- Born: 1970 (age 55–56) Madrid, Spain
- Education: Complutense University of Madrid University of Florence City St George's, University of London Courtauld Institute of Art
- Occupations: art historian Curator

= María López-Fanjul y Díez del Corral =

Spanish art historian

María López-Fanjul y Díez del Corral (Madrid, 1970) is a Spanish art historian. Since December 2025, she has held the position of director of the Museum of Fine Arts of Asturias.

== Education ==
López-Fanjul y Díez del Corral studied art history at the Complutense University of Madrid and the University of Florence between 1997 and 2002. In 2002, she enrolled at City St George's, University of London, where she obtained a master's degree in Museum and Gallery Management. She continued her studies in Madrid, receiving a Diploma of Advanced Studies in Art History in 2005. Between 2007 and 2011, she pursued her Doctor of Philosophy at the Courtauld Institute of Art.

== Career ==
Her first museum experience took place in 2001 while she was a student at the Museo Nacional Centro de Arte Reina Sofía in Madrid. During her initial period of study abroad in London (2002–2003), she worked in the Middle East section of the Asian Department at the Victoria and Albert Museum.

In 2012, she moved to Germany to work at the Staatliche Museen zu Berlin; She initially worked at the central administration and the Gemäldegalerie (Picture Gallery); from 2017, she served as a curator at the Bode Museum, which houses the sculpture collection and the Museum of Byzantine art and is located on Museum Island. There, she was responsible for the departments of Italian art (post-1500) and Spanish art, as well as research activities.

Alongside other projects, López-Fanjul has curated and organized exhibitions such as The Golden Age: The Era of Velázquez (Gemäldegalerie, 2016; Kunsthalle Munich, 2017) and the A Different Perspective series (Bode Museum, 2019 and 2021), as well as Frank Dialogue: On the History of the Bode Museum (Bode Museum, 2020), Spanish Dialogues: Picasso from the Museum Berggruen at the Bode Museum (Bode Museum, 2023), and The Healing Museum (Bode Museum, 2025).

She has served as the director of the Museum of Fine Arts of Asturias since December 2025. In 2026, she was appointed vice-chair of the "Transfer Advisory Board" at Heidelberg University; An advisory body composed of six international experts, in which López-Fanjul represents the field of the Humanities.
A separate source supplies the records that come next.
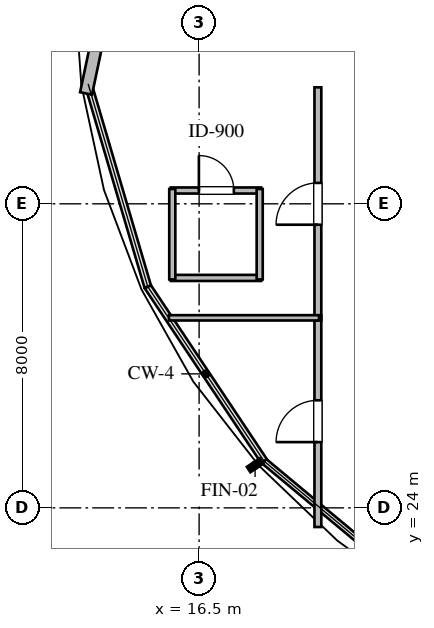
"""IFC4 building model, lengths in metres.
Left out: names, types, materials, properties, quantities, classifications, styles, units other than length and angle.
Written with IfcOpenShell. Run it as: python <this file> out.ifc"""

import sys

from ifc_helpers import new_model, si_unit, direction, frame, frame_2d, origin, place, context, subcontext, project, spatial, rectangle, extrude, element, fill, save


model = new_model("IFC4")
c1 = context("Model", 3, precision=1e-05, world=origin(), true_north=direction((0.0, 1.0)))
c2 = subcontext(c1, "Body", "Model", "MODEL_VIEW")
j1 = project(units=[si_unit("LENGTHUNIT", "METRE"), si_unit("PLANEANGLEUNIT", "RADIAN")], contexts=[c1])
p1 = place(None, origin())
s1 = spatial("IfcSite", under=j1, at=p1, CompositionType="ELEMENT")
p2 = place(p1, origin())
s2 = spatial("IfcBuilding", under=s1, at=p2, CompositionType="ELEMENT")
p3 = place(p2, frame((0.0, 0.0, 195.6)))
s3 = spatial("IfcBuildingStorey", under=s2, at=p3, CompositionType="ELEMENT", Elevation=195.6)
p4 = place(p3, frame((13.525, 34.903, 0.0), z_axis=(0.0, 0.0, 1.0), x_axis=(0.206301080321, 0.978488561128, 0.0)))
e1 = element("IfcWall", 1, at=p4, inside=s3, PredefinedType="STANDARD", context=c2, shape_type="SweptSolid", body=[
    extrude(rectangle(XDim=14.819, YDim=0.32, at=frame_2d((7.409, 0.0))), origin(), (0.0, 0.0, 1.0), 2.817),
])
p5 = place(p3, frame((15.754, 30.05, 0.0), z_axis=(0.0, 0.0, 1.0), x_axis=(1.0, 0.0, 0.0)))
e2 = element("IfcWall", 2, at=p5, inside=s3, PredefinedType="PLUMBINGWALL", context=c2, shape_type="SweptSolid", body=[
    extrude(rectangle(XDim=2.38, YDim=0.16, at=frame_2d((1.19, 0.0))), origin(), (0.0, 0.0, 1.0), 3.36),
])
p6 = place(p3, frame((15.754, 32.35, 0.0), z_axis=(0.0, 0.0, 1.0), x_axis=(1.0, 0.0, 0.0)))
e3 = element("IfcWall", 3, at=p6, inside=s3, PredefinedType="PLUMBINGWALL", context=c2, shape_type="SweptSolid", body=[
    extrude(rectangle(XDim=2.38, YDim=0.16, at=frame_2d((1.19, 0.0))), origin(), (0.0, 0.0, 1.0), 3.36),
])
p7 = place(p6, frame((0.74, 0.0, 0.0)))
e4 = element("IfcOpeningElement", 4, at=p7, cuts=e3, PredefinedType="OPENING", context=c2, shape_type="SweptSolid", body=[
    extrude(rectangle(XDim=0.92, YDim=2.1, at=frame_2d((0.46, 1.05))), frame((0.0, 0.09, 0.0), z_axis=(0.0, -1.0, 0.0), x_axis=(1.0, 0.0, 0.0)), (0.0, 0.0, 1.0), 0.18),
])
p8 = place(p3, frame((15.794, 30.01, 0.0), z_axis=(0.0, 0.0, 1.0), x_axis=(0.0, 1.0, 0.0)))
e5 = element("IfcWall", 5, at=p8, inside=s3, PredefinedType="PLUMBINGWALL", context=c2, shape_type="SweptSolid", body=[
    extrude(rectangle(XDim=2.38, YDim=0.16, at=frame_2d((1.19, 0.0))), origin(), (0.0, 0.0, 1.0), 3.36),
])
p9 = place(p3, frame((18.094, 30.01, 0.0), z_axis=(0.0, 0.0, 1.0), x_axis=(0.0, 1.0, 0.0)))
e6 = element("IfcWall", 6, at=p9, inside=s3, PredefinedType="PLUMBINGWALL", context=c2, shape_type="SweptSolid", body=[
    extrude(rectangle(XDim=2.38, YDim=0.16, at=frame_2d((1.19, 0.0))), origin(), (0.0, 0.0, 1.0), 2.817),
])
p10 = place(p3, frame((19.625, 23.496, 0.0), z_axis=(0.0, 0.0, 1.0), x_axis=(0.0, 1.0, 0.0)))
e7 = element("IfcWall", 7, at=p10, inside=s3, PredefinedType="PARTITIONING", context=c2, shape_type="SweptSolid", body=[
    extrude(rectangle(XDim=5.569, YDim=0.18, at=frame_2d((2.784, 0.0))), origin(), (0.0, 0.0, 1.0), 2.817),
])
p11 = place(p10, frame((2.234, 0.0, 0.0)))
e8 = element("IfcOpeningElement", 8, at=p11, cuts=e7, PredefinedType="OPENING", context=c2, shape_type="SweptSolid", body=[
    extrude(rectangle(XDim=1.1, YDim=2.1, at=frame_2d((0.55, 1.05))), frame((0.0, 0.1, 0.0), z_axis=(0.0, -1.0, 0.0), x_axis=(1.0, 0.0, 0.0)), (0.0, 0.0, 1.0), 0.2),
])
p12 = place(p3, frame((19.625, 28.935, 0.0), z_axis=(0.0, 0.0, 1.0), x_axis=(0.0, 1.0, 0.0)))
e9 = element("IfcWall", 9, at=p12, inside=s3, PredefinedType="PARTITIONING", context=c2, shape_type="SweptSolid", body=[
    extrude(rectangle(XDim=6.13, YDim=0.18, at=frame_2d((3.065, 0.0))), origin(), (0.0, 0.0, 1.0), 3.36),
])
p13 = place(p12, frame((2.515, 0.0, 0.0)))
e10 = element("IfcOpeningElement", 10, at=p13, cuts=e9, PredefinedType="OPENING", context=c2, shape_type="SweptSolid", body=[
    extrude(rectangle(XDim=1.1, YDim=2.1, at=frame_2d((0.55, 1.05))), frame((0.0, 0.1, 0.0), z_axis=(0.0, -1.0, 0.0), x_axis=(1.0, 0.0, 0.0)), (0.0, 0.0, 1.0), 0.2),
])
p14 = place(p3, frame((15.705, 29.0, 0.0), z_axis=(0.0, 0.0, 1.0), x_axis=(1.0, 0.0, 0.0)))
e11 = element("IfcWall", 11, at=p14, inside=s3, PredefinedType="PARTITIONING", context=c2, shape_type="SweptSolid", body=[
    extrude(rectangle(XDim=3.95, YDim=0.14, at=frame_2d((1.975, 0.0))), origin(), (0.0, 0.0, 1.0), 3.36),
])
p15 = place(p7, origin())
e12 = element("IfcDoor", 12, at=p15, inside=s3, OperationType="SINGLE_SWING_LEFT", PredefinedType="DOOR", context=c2, shape_type="SweptSolid", body=[
    extrude(rectangle(XDim=0.92, YDim=2.1, at=frame_2d((0.46, 1.05))), frame((0.0, 0.025, 0.0), z_axis=(0.0, -1.0, 0.0), x_axis=(1.0, 0.0, 0.0)), (0.0, 0.0, 1.0), 0.05),
])
fill(e4, e12)
p16 = place(p11, origin())
e13 = element("IfcDoor", 13, at=p16, inside=s3, OperationType="SINGLE_SWING_LEFT", PredefinedType="DOOR", context=c2, shape_type="SweptSolid", body=[
    extrude(rectangle(XDim=1.1, YDim=2.1, at=frame_2d((0.55, 1.05))), frame((0.0, 0.025, 0.0), z_axis=(0.0, -1.0, 0.0), x_axis=(1.0, 0.0, 0.0)), (0.0, 0.0, 1.0), 0.05),
])
fill(e8, e13)
p17 = place(p13, origin())
e14 = element("IfcDoor", 14, at=p17, inside=s3, OperationType="SINGLE_SWING_LEFT", PredefinedType="DOOR", context=c2, shape_type="SweptSolid", body=[
    extrude(rectangle(XDim=1.1, YDim=2.1, at=frame_2d((0.55, 1.05))), frame((0.0, 0.025, 0.0), z_axis=(0.0, -1.0, 0.0), x_axis=(1.0, 0.0, 0.0)), (0.0, 0.0, 1.0), 0.05),
])
fill(e10, e14)
save(model, sys.argv[1])
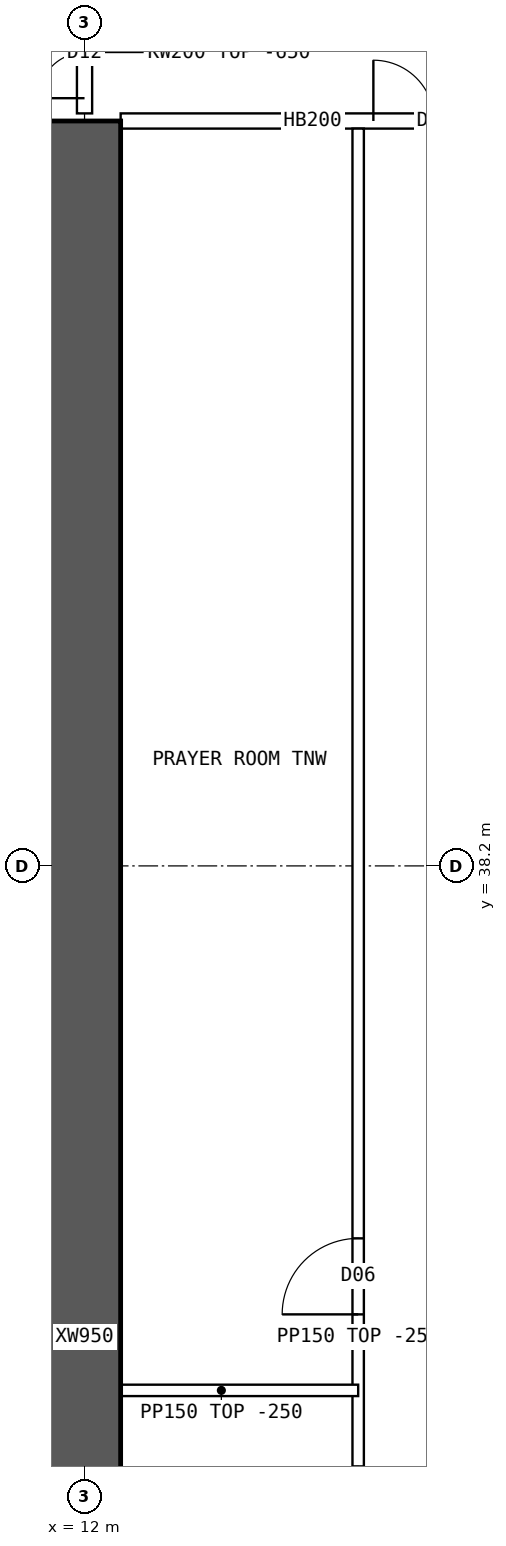
"""IFC4 building model, lengths in metres.
Left out: names, types, materials, properties, quantities, classifications, styles, units other than length and angle.
Written with IfcOpenShell. Run it as: python <this file> out.ifc"""

import sys

from ifc_helpers import new_model, si_unit, direction, frame, frame_2d, origin, place, context, subcontext, project, spatial, polyline, rectangle, outline, extrude, element, fill, save


model = new_model("IFC4")
c1 = context("Model", 3, precision=1e-05, world=origin(), true_north=direction((0.0, 1.0)))
c2 = subcontext(c1, "Body", "Model", "MODEL_VIEW")
j1 = project(units=[si_unit("LENGTHUNIT", "METRE"), si_unit("PLANEANGLEUNIT", "RADIAN")], contexts=[c1])
p1 = place(None, origin())
s1 = spatial("IfcSite", under=j1, at=p1, CompositionType="ELEMENT")
p2 = place(p1, origin())
s2 = spatial("IfcBuilding", under=s1, at=p2, CompositionType="ELEMENT")
p3 = place(p2, frame((0.0, 0.0, 76.15)))
s3 = spatial("IfcBuildingStorey", under=s2, at=p3, CompositionType="ELEMENT", Elevation=76.15)
p4 = place(p3, frame((12.0, 16.0, 0.0), z_axis=(0.0, 0.0, 1.0), x_axis=(0.0, 1.0, 0.0)))
e1 = element("IfcWall", 1, at=p4, inside=s3, PredefinedType="SHEAR", context=c2, shape_type="SweptSolid", body=[
    extrude(rectangle(XDim=32.0, YDim=0.95, at=frame_2d((16.0, 0.0))), origin(), (0.0, 0.0, 1.0), 4.5),
])
p5 = place(p3, frame((12.475, 48.0, 0.0), z_axis=(0.0, 0.0, 1.0), x_axis=(1.0, 0.0, 0.0)))
e2 = element("IfcWall", 2, at=p5, inside=s3, PredefinedType="SOLIDWALL", context=c2, shape_type="SweptSolid", body=[
    extrude(rectangle(XDim=5.05, YDim=0.2, at=frame_2d((2.525, 0.0))), origin(), (0.0, 0.0, 1.0), 4.25),
])
p6 = place(p5, frame((3.325, 0.0, 0.0)))
e3 = element("IfcOpeningElement", 3, at=p6, cuts=e2, PredefinedType="OPENING", context=c2, shape_type="SweptSolid", body=[
    extrude(rectangle(XDim=1.6, YDim=2.1, at=frame_2d((0.8, 1.05))), frame((0.0, 0.11, 0.0), z_axis=(0.0, -1.0, 0.0), x_axis=(1.0, 0.0, 0.0)), (0.0, 0.0, 1.0), 0.22),
])
p7 = place(p3, frame((15.6, 16.1, 0.0), z_axis=(0.0, 0.0, 1.0), x_axis=(0.0, 1.0, 0.0)))
e4 = element("IfcWall", 4, at=p7, inside=s3, PredefinedType="PARTITIONING", context=c2, shape_type="SweptSolid", body=[
    extrude(rectangle(XDim=31.8, YDim=0.15, at=frame_2d((15.9, 0.0))), origin(), (0.0, 0.0, 1.0), 4.25),
])
p8 = place(p7, frame((13.2, 0.0, 0.0)))
e5 = element("IfcOpeningElement", 5, at=p8, cuts=e4, PredefinedType="OPENING", context=c2, shape_type="SweptSolid", body=[
    extrude(rectangle(XDim=1.0, YDim=2.1, at=frame_2d((0.5, 1.05))), frame((0.0, 0.085, 0.0), z_axis=(0.0, -1.0, 0.0), x_axis=(1.0, 0.0, 0.0)), (0.0, 0.0, 1.0), 0.17),
])
p9 = place(p7, frame((16.2, 0.0, 0.0)))
e6 = element("IfcOpeningElement", 6, at=p9, cuts=e4, PredefinedType="OPENING", context=c2, shape_type="SweptSolid", body=[
    extrude(rectangle(XDim=1.0, YDim=2.1, at=frame_2d((0.5, 1.05))), frame((0.0, 0.085, 0.0), z_axis=(0.0, -1.0, 0.0), x_axis=(1.0, 0.0, 0.0)), (0.0, 0.0, 1.0), 0.17),
])
p10 = place(p3, frame((12.0, 31.3, 0.0), z_axis=(0.0, 0.0, 1.0), x_axis=(1.0, 0.0, 0.0)))
e7 = element("IfcWall", 7, at=p10, inside=s3, PredefinedType="PARTITIONING", context=c2, shape_type="SweptSolid", body=[
    extrude(rectangle(XDim=3.6, YDim=0.15, at=frame_2d((1.8, 0.0))), origin(), (0.0, 0.0, 1.0), 4.25),
])
p11 = place(p3, frame((3.905, 30.85, 0.0), z_axis=(0.0, 0.0, 1.0), x_axis=(1.0, 0.0, 0.0)))
e8 = element("IfcWall", 8, at=p11, inside=s3, PredefinedType="PARTITIONING", context=c2, shape_type="SweptSolid", body=[
    extrude(outline(polyline([(0.0, 0.0), (8.02, 0.0), (8.02, 4.25), (2.397, 4.25), (2.395, 3.8), (1.797, 3.8), (1.795, 4.25), (0.0, 4.25), (0.0, 0.0)])), frame((0.0, 0.075, 0.0), z_axis=(0.0, -1.0, 0.0), x_axis=(1.0, 0.0, 0.0)), (0.0, 0.0, 1.0), 0.15),
])
p12 = place(p3, frame((12.0, 48.1, 0.0), z_axis=(0.0, 0.0, 1.0), x_axis=(0.0, 1.0, 0.0)))
e9 = element("IfcWall", 9, at=p12, inside=s3, PredefinedType="SOLIDWALL", context=c2, shape_type="SweptSolid", body=[
    extrude(outline(polyline([(0.0, 0.0), (1.6, 0.0), (1.6, 3.85), (0.0, 3.85), (0.0, 0.0)])), frame((0.0, 0.1, 0.0), z_axis=(0.0, -1.0, 0.0), x_axis=(1.0, 0.0, 0.0)), (0.0, 0.0, 1.0), 0.2),
])
p13 = place(p12, frame((0.2, 0.0, 0.0)))
e10 = element("IfcOpeningElement", 10, at=p13, cuts=e9, PredefinedType="OPENING", context=c2, shape_type="SweptSolid", body=[
    extrude(rectangle(XDim=1.2, YDim=2.1, at=frame_2d((0.6, 1.05))), frame((0.0, 0.11, 0.0), z_axis=(0.0, -1.0, 0.0), x_axis=(1.0, 0.0, 0.0)), (0.0, 0.0, 1.0), 0.22),
])
p14 = place(p6, origin())
e11 = element("IfcDoor", 11, at=p14, inside=s3, OperationType="DOUBLE_DOOR_SINGLE_SWING", PredefinedType="DOOR", context=c2, shape_type="SweptSolid", body=[
    extrude(rectangle(XDim=1.6, YDim=2.1, at=frame_2d((0.8, 1.05))), frame((0.0, 0.025, 0.0), z_axis=(0.0, -1.0, 0.0), x_axis=(1.0, 0.0, 0.0)), (0.0, 0.0, 1.0), 0.05),
])
fill(e3, e11)
p15 = place(p9, origin())
e12 = element("IfcDoor", 12, at=p15, inside=s3, OperationType="SINGLE_SWING_LEFT", PredefinedType="DOOR", context=c2, shape_type="SweptSolid", body=[
    extrude(rectangle(XDim=1.0, YDim=2.1, at=frame_2d((0.5, 1.05))), frame((0.0, 0.025, 0.0), z_axis=(0.0, -1.0, 0.0), x_axis=(1.0, 0.0, 0.0)), (0.0, 0.0, 1.0), 0.05),
])
fill(e6, e12)
p16 = place(p13, origin())
e13 = element("IfcDoor", 13, at=p16, inside=s3, OperationType="DOUBLE_DOOR_SINGLE_SWING", PredefinedType="DOOR", context=c2, shape_type="SweptSolid", body=[
    extrude(rectangle(XDim=1.2, YDim=2.1, at=frame_2d((0.6, 1.05))), frame((0.0, 0.025, 0.0), z_axis=(0.0, -1.0, 0.0), x_axis=(1.0, 0.0, 0.0)), (0.0, 0.0, 1.0), 0.05),
])
fill(e10, e13)
save(model, sys.argv[1])

== Publications (selection) ==

- Spaniens goldene Zeit. Die Ära Velázquez in Malerei und Skulptur. Hirmer, Munich 2016, ISBN 978-3-7774-2478-1. Editora.
- Der zweite Blick. Spielarten der Liebe. arthistoricum.net/Universitätsbibliothek Heidelberg, Heidelberg 2020, versión digitalizada. Editora.
  - edición en inglés: The second glance. All Forms of Love. arthistoricum.net/Universitätsbibliothek Heidelberg, Heidelberg 2020, versión digitalizada.
- Der zweite Blick. Frauen. arthistoricum.net/Universitätsbibliothek Heidelberg, Heidelberg 2021, ISBN 978-3-98501-057-8, versión digitalizada. Editora.
  - edición en inglés: The second glance. Women. arthistoricum.net/Universitätsbibliothek Heidelberg, Heidelberg 2021, ISBN 978-3-98501-059-2, versión digitalizada.
- How art works. Von Fragen und Antworten. Deutscher Kunstverlag, Berlin 2022, ISBN 978-3-422-98297-0. Editora junto a Christine Seidel.
  - edición en inglés: How art works. Of questions and answers. Deutscher Kunstverlag, Berlin 2022, ISBN 978-3-422-98303-8.
- Neue kuratorische Strategien für alte Kunstsammlungen: Kunstwissenschaftliche Forschung als Basis für Outreach (= Themenheft Kritische Berichte 50, 4). 2022. Editora junto a Andreas Huth.